1. Project Initialization¶

Create a new target project to keep your flink statements and pipelines (e.g. my-flink-app):

# Initialize project structure
shift_left project init <your-project> </path/to/your/folder>
# example 
shift_left project init my-flink-app $HOME/Code

You should get:

my-flink-app
├── README.md
├── docs
├── pipelines
│   ├── common.mk
│   ├── dimensions
│   ├── facts
│   ├── intermediates
│   ├── sources
│   └── views
├── sources
└── staging

2. Specific Setup¶

Copy your KSQL files to the sources directory:

# Copy KSQL files
cp *.ksql ${SRC_FOLDER}/

Optional To run locally on smaller model, download ollama, then install the qwen2.5-coder model:

# select the size of the model according to your memory
ollama pull qwen2.5-coder:32b
ollama list

Create an Openrouter.ai api_key: https://openrouter.ai/, to get access to bigger models, like qwen/qwen3-coder:free which is free to use.
Set environment variables:

3. Migration Execution¶

Basic Table Migration¶

# Migrate a simple table
shift_left table migrate basic_user_table $SRC_FOLDER/user-table.ksql $STAGING --source-type ksql

The command generates:

# ├── staging/basic_user_table/sql-scripts
# │   ├── ddl.basic_user_table.sql     # Flink DDL
# │   ├── dml.basic_user_table.sql     # Flink DML (if any

4. Validation and Deployment¶

# Deploy to Confluent Cloud for Flink
cd ${STAGING}/basic_user_table

# Deploy DDL statements
make create_flink_ddl

# Deploy DML statements  
make create_flink_dml

5. Prepare for pipeline management¶

Flink statements have dependencies, so it is important to use shift_left to manage those dependencies:

Run after new table are created
```
shift_left table build-inventory
```

Build all the metadata

shift_left pipeline build-all-metadata

Verify an execution plan

shift_left pipeline build-execution-plan --table-name <>

6. Next¶

Organize the Flink statement into a pipeline folder may be using sources, intermediates, dimensions and facts classification.
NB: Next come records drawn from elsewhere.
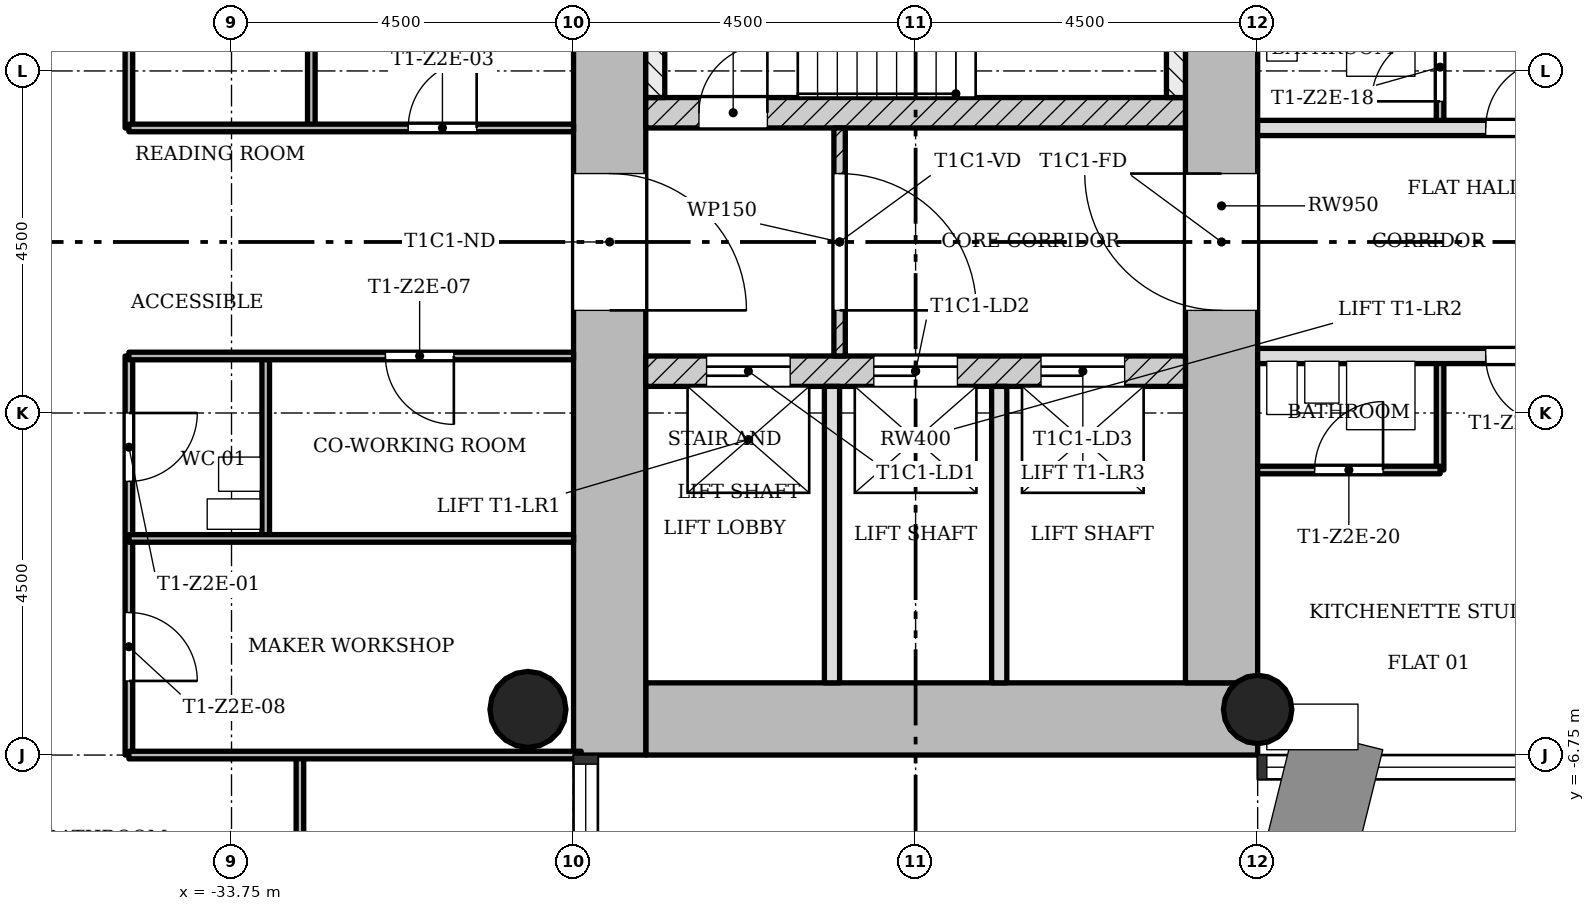
"""IFC4 building model, lengths in metres.
Left out: names, types, materials, properties, quantities, classifications, styles, units other than length and angle.
Written with IfcOpenShell. Run it as: python <this file> out.ifc"""

import sys

from ifc_helpers import new_model, si_unit, direction, frame, frame_2d, origin, origin_2d, place, context, subcontext, project, spatial, rectangle, hollow_circle, extrude, element, fill, save


model = new_model("IFC4")
c1 = context("Model", 3, precision=1e-05, world=origin(), true_north=direction((0.0, 1.0)))
c2 = subcontext(c1, "Body", "Model", "MODEL_VIEW")
j1 = project(units=[si_unit("LENGTHUNIT", "METRE"), si_unit("PLANEANGLEUNIT", "RADIAN")], contexts=[c1])
p1 = place(None, origin())
s1 = spatial("IfcSite", under=j1, at=p1, CompositionType="ELEMENT")
p2 = place(p1, origin())
s2 = spatial("IfcBuilding", under=s1, at=p2, CompositionType="ELEMENT")
p3 = place(p2, frame((0.0, 0.0, 100.4)))
s3 = spatial("IfcBuildingStorey", under=s2, at=p3, CompositionType="ELEMENT", Elevation=100.4)
p4 = place(p3, frame((-28.3, -6.275, 0.0), z_axis=(0.0, 0.0, 1.0), x_axis=(1.0, 0.0, 0.0)))
e1 = element("IfcWall", 1, at=p4, inside=s3, PredefinedType="SHEAR", context=c2, shape_type="SweptSolid", body=[
    extrude(rectangle(XDim=8.05, YDim=0.95, at=frame_2d((4.025, 0.0))), origin(), (0.0, 0.0, 1.0), 3.4),
])
p5 = place(p3, frame((-20.725, -5.8, 0.0), z_axis=(0.0, 0.0, 1.0), x_axis=(0.0, 1.0, 0.0)))
e2 = element("IfcWall", 2, at=p5, inside=s3, PredefinedType="SHEAR", context=c2, shape_type="SweptSolid", body=[
    extrude(rectangle(XDim=12.55, YDim=0.95, at=frame_2d((6.275, 0.0))), origin(), (0.0, 0.0, 1.0), 3.4),
])
p6 = place(p5, frame((4.9, 0.0, 0.0)))
e3 = element("IfcOpeningElement", 3, at=p6, cuts=e2, PredefinedType="OPENING", context=c2, shape_type="SweptSolid", body=[
    extrude(rectangle(XDim=1.8, YDim=2.1, at=frame_2d((0.9, 1.05))), frame((0.0, 0.485, 0.0), z_axis=(0.0, -1.0, 0.0), x_axis=(1.0, 0.0, 0.0)), (0.0, 0.0, 1.0), 0.97),
])
p7 = place(p3, frame((-28.775, 5.8, 0.0), z_axis=(0.0, 0.0, 1.0), x_axis=(0.0, -1.0, 0.0)))
e4 = element("IfcWall", 4, at=p7, inside=s3, PredefinedType="SHEAR", context=c2, shape_type="SweptSolid", body=[
    extrude(rectangle(XDim=12.55, YDim=0.95, at=frame_2d((6.275, 0.0))), origin(), (0.0, 0.0, 1.0), 3.4),
])
p8 = place(p7, frame((4.9, 0.0, 0.0)))
e5 = element("IfcOpeningElement", 5, at=p8, cuts=e4, PredefinedType="OPENING", context=c2, shape_type="SweptSolid", body=[
    extrude(rectangle(XDim=1.8, YDim=2.1, at=frame_2d((0.9, 1.05))), frame((0.0, 0.485, 0.0), z_axis=(0.0, -1.0, 0.0), x_axis=(1.0, 0.0, 0.0)), (0.0, 0.0, 1.0), 0.97),
])
p9 = place(p3, frame((-28.3, -1.7, 0.0), z_axis=(0.0, 0.0, 1.0), x_axis=(1.0, 0.0, 0.0)))
e6 = element("IfcWall", 6, at=p9, inside=s3, PredefinedType="SHEAR", context=c2, shape_type="SweptSolid", body=[
    extrude(rectangle(XDim=7.1, YDim=0.4, at=frame_2d((3.55, 0.0))), origin(), (0.0, 0.0, 1.0), 3.4),
])
p10 = place(p9, frame((0.8, 0.0, 0.0)))
e7 = element("IfcOpeningElement", 7, at=p10, cuts=e6, PredefinedType="OPENING", context=c2, shape_type="SweptSolid", body=[
    extrude(rectangle(XDim=1.1, YDim=2.1, at=frame_2d((0.55, 1.05))), frame((0.0, 0.21, 0.0), z_axis=(0.0, -1.0, 0.0), x_axis=(1.0, 0.0, 0.0)), (0.0, 0.0, 1.0), 0.42),
])
p11 = place(p9, frame((3.0, 0.0, 0.0)))
e8 = element("IfcOpeningElement", 8, at=p11, cuts=e6, PredefinedType="OPENING", context=c2, shape_type="SweptSolid", body=[
    extrude(rectangle(XDim=1.1, YDim=2.1, at=frame_2d((0.55, 1.05))), frame((0.0, 0.21, 0.0), z_axis=(0.0, -1.0, 0.0), x_axis=(1.0, 0.0, 0.0)), (0.0, 0.0, 1.0), 0.42),
])
p12 = place(p9, frame((5.2, 0.0, 0.0)))
e9 = element("IfcOpeningElement", 9, at=p12, cuts=e6, PredefinedType="OPENING", context=c2, shape_type="SweptSolid", body=[
    extrude(rectangle(XDim=1.1, YDim=2.1, at=frame_2d((0.55, 1.05))), frame((0.0, 0.21, 0.0), z_axis=(0.0, -1.0, 0.0), x_axis=(1.0, 0.0, 0.0)), (0.0, 0.0, 1.0), 0.42),
])
p13 = place(p3, frame((-28.3, 1.7, 0.0), z_axis=(0.0, 0.0, 1.0), x_axis=(1.0, 0.0, 0.0)))
e10 = element("IfcWall", 10, at=p13, inside=s3, PredefinedType="SHEAR", context=c2, shape_type="SweptSolid", body=[
    extrude(rectangle(XDim=7.1, YDim=0.4, at=frame_2d((3.55, 0.0))), origin(), (0.0, 0.0, 1.0), 3.4),
])
p14 = place(p13, frame((0.7, 0.0, 0.0)))
e11 = element("IfcOpeningElement", 11, at=p14, cuts=e10, PredefinedType="OPENING", context=c2, shape_type="SweptSolid", body=[
    extrude(rectangle(XDim=0.9, YDim=2.1, at=frame_2d((0.45, 1.05))), frame((0.0, 0.21, 0.0), z_axis=(0.0, -1.0, 0.0), x_axis=(1.0, 0.0, 0.0)), (0.0, 0.0, 1.0), 0.42),
])
p15 = place(p3, frame((-20.25, -6.15, 0.0), z_axis=(0.0, 0.0, 1.0), x_axis=(1.0, 0.0, 0.0)))
e12 = element("IfcColumn", 12, at=p15, inside=s3, PredefinedType="COLUMN", context=c2, shape_type="SweptSolid", body=[
    extrude(hollow_circle(Radius=0.45, WallThickness=0.032, at=origin_2d()), origin(), (0.0, 0.0, 1.0), 3.4),
])
p16 = place(p3, frame((-29.85, -6.15, 0.0), z_axis=(0.0, 0.0, 1.0), x_axis=(1.0, 0.0, 0.0)))
e13 = element("IfcColumn", 13, at=p16, inside=s3, PredefinedType="COLUMN", context=c2, shape_type="SweptSolid", body=[
    extrude(hollow_circle(Radius=0.5, WallThickness=0.036, at=origin_2d()), origin(), (0.0, 0.0, 1.0), 3.4),
])
p17 = place(p3, frame((-25.75, -1.5, 0.0), z_axis=(0.0, 0.0, 1.0), x_axis=(0.0, 1.0, 0.0)))
e14 = element("IfcWall", 14, at=p17, inside=s3, PredefinedType="PARTITIONING", context=c2, shape_type="SweptSolid", body=[
    extrude(rectangle(XDim=3.0, YDim=0.15, at=frame_2d((1.5, 0.0))), origin(), (0.0, 0.0, 1.0), 3.0),
])
p18 = place(p17, frame((0.6, 0.0, 0.0)))
e15 = element("IfcOpeningElement", 15, at=p18, cuts=e14, PredefinedType="OPENING", context=c2, shape_type="SweptSolid", body=[
    extrude(rectangle(XDim=1.8, YDim=2.1, at=frame_2d((0.9, 1.05))), frame((0.0, 0.085, 0.0), z_axis=(0.0, -1.0, 0.0), x_axis=(1.0, 0.0, 0.0)), (0.0, 0.0, 1.0), 0.17),
])
for number, where, z_axis, x_axis in (
    (16, (-25.85, -5.8, 0.0), (0.0, 0.0, 1.0), (0.0, 1.0, 0.0)),
    (17, (-23.65, -5.8, 0.0), (0.0, 0.0, 1.0), (0.0, 1.0, 0.0)),
):
    element("IfcWall", number, at=place(p3, frame(where, z_axis=z_axis, x_axis=x_axis)), inside=s3, PredefinedType="SOLIDWALL", context=c2, shape_type="SweptSolid", body=[
        extrude(rectangle(XDim=3.9, YDim=0.2, at=frame_2d((1.95, 0.0))), origin(), (0.0, 0.0, 1.0), 3.0),
    ])
p19 = place(p3, frame((-35.1, -6.75, 0.0), z_axis=(0.0, 0.0, 1.0), x_axis=(0.0, 1.0, 0.0)))
e18 = element("IfcWall", 18, at=p19, inside=s3, PredefinedType="PARTITIONING", context=c2, shape_type="SweptSolid", body=[
    extrude(rectangle(XDim=5.25, YDim=0.1, at=frame_2d((2.625, 0.0))), origin(), (0.0, 0.0, 1.0), 3.0),
])
p20 = place(p19, frame((3.6, 0.0, 0.0)))
e19 = element("IfcOpeningElement", 19, at=p20, cuts=e18, PredefinedType="OPENING", context=c2, shape_type="SweptSolid", body=[
    extrude(rectangle(XDim=0.9, YDim=2.1, at=frame_2d((0.45, 1.05))), frame((0.0, 0.06, 0.0), z_axis=(0.0, -1.0, 0.0), x_axis=(1.0, 0.0, 0.0)), (0.0, 0.0, 1.0), 0.12),
])
p21 = place(p19, frame((0.975, 0.0, 0.0)))
e20 = element("IfcOpeningElement", 20, at=p21, cuts=e18, PredefinedType="OPENING", context=c2, shape_type="SweptSolid", body=[
    extrude(rectangle(XDim=0.9, YDim=2.1, at=frame_2d((0.45, 1.05))), frame((0.0, 0.06, 0.0), z_axis=(0.0, -1.0, 0.0), x_axis=(1.0, 0.0, 0.0)), (0.0, 0.0, 1.0), 0.12),
])
p22 = place(p3, frame((-35.1, 1.5, 0.0), z_axis=(0.0, 0.0, 1.0), x_axis=(0.0, 1.0, 0.0)))
e21 = element("IfcWall", 21, at=p22, inside=s3, PredefinedType="PARTITIONING", context=c2, shape_type="SweptSolid", body=[
    extrude(rectangle(XDim=5.25, YDim=0.1, at=frame_2d((2.625, 0.0))), origin(), (0.0, 0.0, 1.0), 3.0),
])
p23 = place(p22, frame((2.175, 0.0, 0.0)))
e22 = element("IfcOpeningElement", 22, at=p23, cuts=e21, PredefinedType="OPENING", context=c2, shape_type="SweptSolid", body=[
    extrude(rectangle(XDim=0.9, YDim=2.1, at=frame_2d((0.45, 1.05))), frame((0.0, 0.06, 0.0), z_axis=(0.0, -1.0, 0.0), x_axis=(1.0, 0.0, 0.0)), (0.0, 0.0, 1.0), 0.12),
])
p24 = place(p3, frame((-33.3, -3.9, 0.0), z_axis=(0.0, 0.0, 1.0), x_axis=(0.0, 1.0, 0.0)))
e23 = element("IfcWall", 23, at=p24, inside=s3, PredefinedType="PARTITIONING", context=c2, shape_type="SweptSolid", body=[
    extrude(rectangle(XDim=2.4, YDim=0.1, at=frame_2d((1.2, 0.0))), origin(), (0.0, 0.0, 1.0), 3.0),
])
p25 = place(p3, frame((-32.85, -15.75, 0.0), z_axis=(0.0, 0.0, 1.0), x_axis=(0.0, 1.0, 0.0)))
e24 = element("IfcWall", 24, at=p25, inside=s3, PredefinedType="PARTITIONING", context=c2, shape_type="SweptSolid", body=[
    extrude(rectangle(XDim=9.0, YDim=0.1, at=frame_2d((4.5, 0.0))), origin(), (0.0, 0.0, 1.0), 3.0),
])
p26 = place(p25, frame((5.55, 0.0, 0.0)))
e25 = element("IfcOpeningElement", 25, at=p26, cuts=e24, PredefinedType="OPENING", context=c2, shape_type="SweptSolid", body=[
    extrude(rectangle(XDim=0.9, YDim=2.1, at=frame_2d((0.45, 1.05))), frame((0.0, 0.06, 0.0), z_axis=(0.0, -1.0, 0.0), x_axis=(1.0, 0.0, 0.0)), (0.0, 0.0, 1.0), 0.12),
])
p27 = place(p3, frame((-32.7, 1.5, 0.0), z_axis=(0.0, 0.0, 1.0), x_axis=(0.0, 1.0, 0.0)))
e26 = element("IfcWall", 26, at=p27, inside=s3, PredefinedType="PARTITIONING", context=c2, shape_type="SweptSolid", body=[
    extrude(rectangle(XDim=5.25, YDim=0.1, at=frame_2d((2.625, 0.0))), origin(), (0.0, 0.0, 1.0), 3.0),
])
p28 = place(p3, frame((-17.85, -3.0, 0.0), z_axis=(0.0, 0.0, 1.0), x_axis=(0.0, 1.0, 0.0)))
e27 = element("IfcWall", 27, at=p28, inside=s3, PredefinedType="PARTITIONING", context=c2, shape_type="SweptSolid", body=[
    extrude(rectangle(XDim=1.5, YDim=0.1, at=frame_2d((0.75, 0.0))), origin(), (0.0, 0.0, 1.0), 3.0),
])
p29 = place(p3, frame((-17.85, 1.5, 0.0), z_axis=(0.0, 0.0, 1.0), x_axis=(0.0, 1.0, 0.0)))
e28 = element("IfcWall", 28, at=p29, inside=s3, PredefinedType="PARTITIONING", context=c2, shape_type="SweptSolid", body=[
    extrude(rectangle(XDim=1.65, YDim=0.1, at=frame_2d((0.825, 0.0))), origin(), (0.0, 0.0, 1.0), 3.0),
])
p30 = place(p29, frame((0.35, 0.0, 0.0)))
e29 = element("IfcOpeningElement", 29, at=p30, cuts=e28, PredefinedType="OPENING", context=c2, shape_type="SweptSolid", body=[
    extrude(rectangle(XDim=0.9, YDim=2.1, at=frame_2d((0.45, 1.05))), frame((0.0, 0.06, 0.0), z_axis=(0.0, -1.0, 0.0), x_axis=(1.0, 0.0, 0.0)), (0.0, 0.0, 1.0), 0.12),
])
p31 = place(p3, frame((-35.1, -6.75, 0.0), z_axis=(0.0, 0.0, 1.0), x_axis=(1.0, 0.0, 0.0)))
e30 = element("IfcWall", 30, at=p31, inside=s3, PredefinedType="PARTITIONING", context=c2, shape_type="SweptSolid", body=[
    extrude(rectangle(XDim=5.95, YDim=0.1, at=frame_2d((2.975, 0.0))), origin(), (0.0, 0.0, 1.0), 3.0),
])
p32 = place(p3, frame((-35.1, -3.9, 0.0), z_axis=(0.0, 0.0, 1.0), x_axis=(1.0, 0.0, 0.0)))
e31 = element("IfcWall", 31, at=p32, inside=s3, PredefinedType="PARTITIONING", context=c2, shape_type="SweptSolid", body=[
    extrude(rectangle(XDim=5.85, YDim=0.1, at=frame_2d((2.925, 0.0))), origin(), (0.0, 0.0, 1.0), 3.0),
])
p33 = place(p3, frame((-20.25, -3.0, 0.0), z_axis=(0.0, 0.0, 1.0), x_axis=(1.0, 0.0, 0.0)))
e32 = element("IfcWall", 32, at=p33, inside=s3, PredefinedType="PARTITIONING", context=c2, shape_type="SweptSolid", body=[
    extrude(rectangle(XDim=2.4, YDim=0.1, at=frame_2d((1.2, 0.0))), origin(), (0.0, 0.0, 1.0), 3.0),
])
p34 = place(p33, frame((0.75, 0.0, 0.0)))
e33 = element("IfcOpeningElement", 33, at=p34, cuts=e32, PredefinedType="OPENING", context=c2, shape_type="SweptSolid", body=[
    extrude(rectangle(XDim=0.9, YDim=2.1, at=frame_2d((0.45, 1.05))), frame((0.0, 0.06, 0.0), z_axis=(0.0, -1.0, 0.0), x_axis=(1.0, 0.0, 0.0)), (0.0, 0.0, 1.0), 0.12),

Think about data product. So a candidate hierarchy may look like

my-flink-app

├── pipelines
│   ├── common.mk
│   ├── dimensions
│   │   ├── data_product_a
│   ├── facts
│   │   ├── data_product_a
│   ├── intermediates
│   │   ├── data_product_a
│   ├── sources
│   │   ├── data_product_a
│   │       ├── src_stream
│   │       │   ├── Makefile
│   │       │   ├── pipeline_definition.json
│   │       │   ├── sql-scripts
│   │       │   │   ├── ddl.src_stream.sql
│   │       │   │   └── dml.src_stream.sql
│   │       │   ├── tests
│   ├── views
        └── data_product_a

Add unit tests per table (at least for the complex DML ones) (see test harness)
Add source data into the first tables of the pipeline
Verify the created records within the sink tables.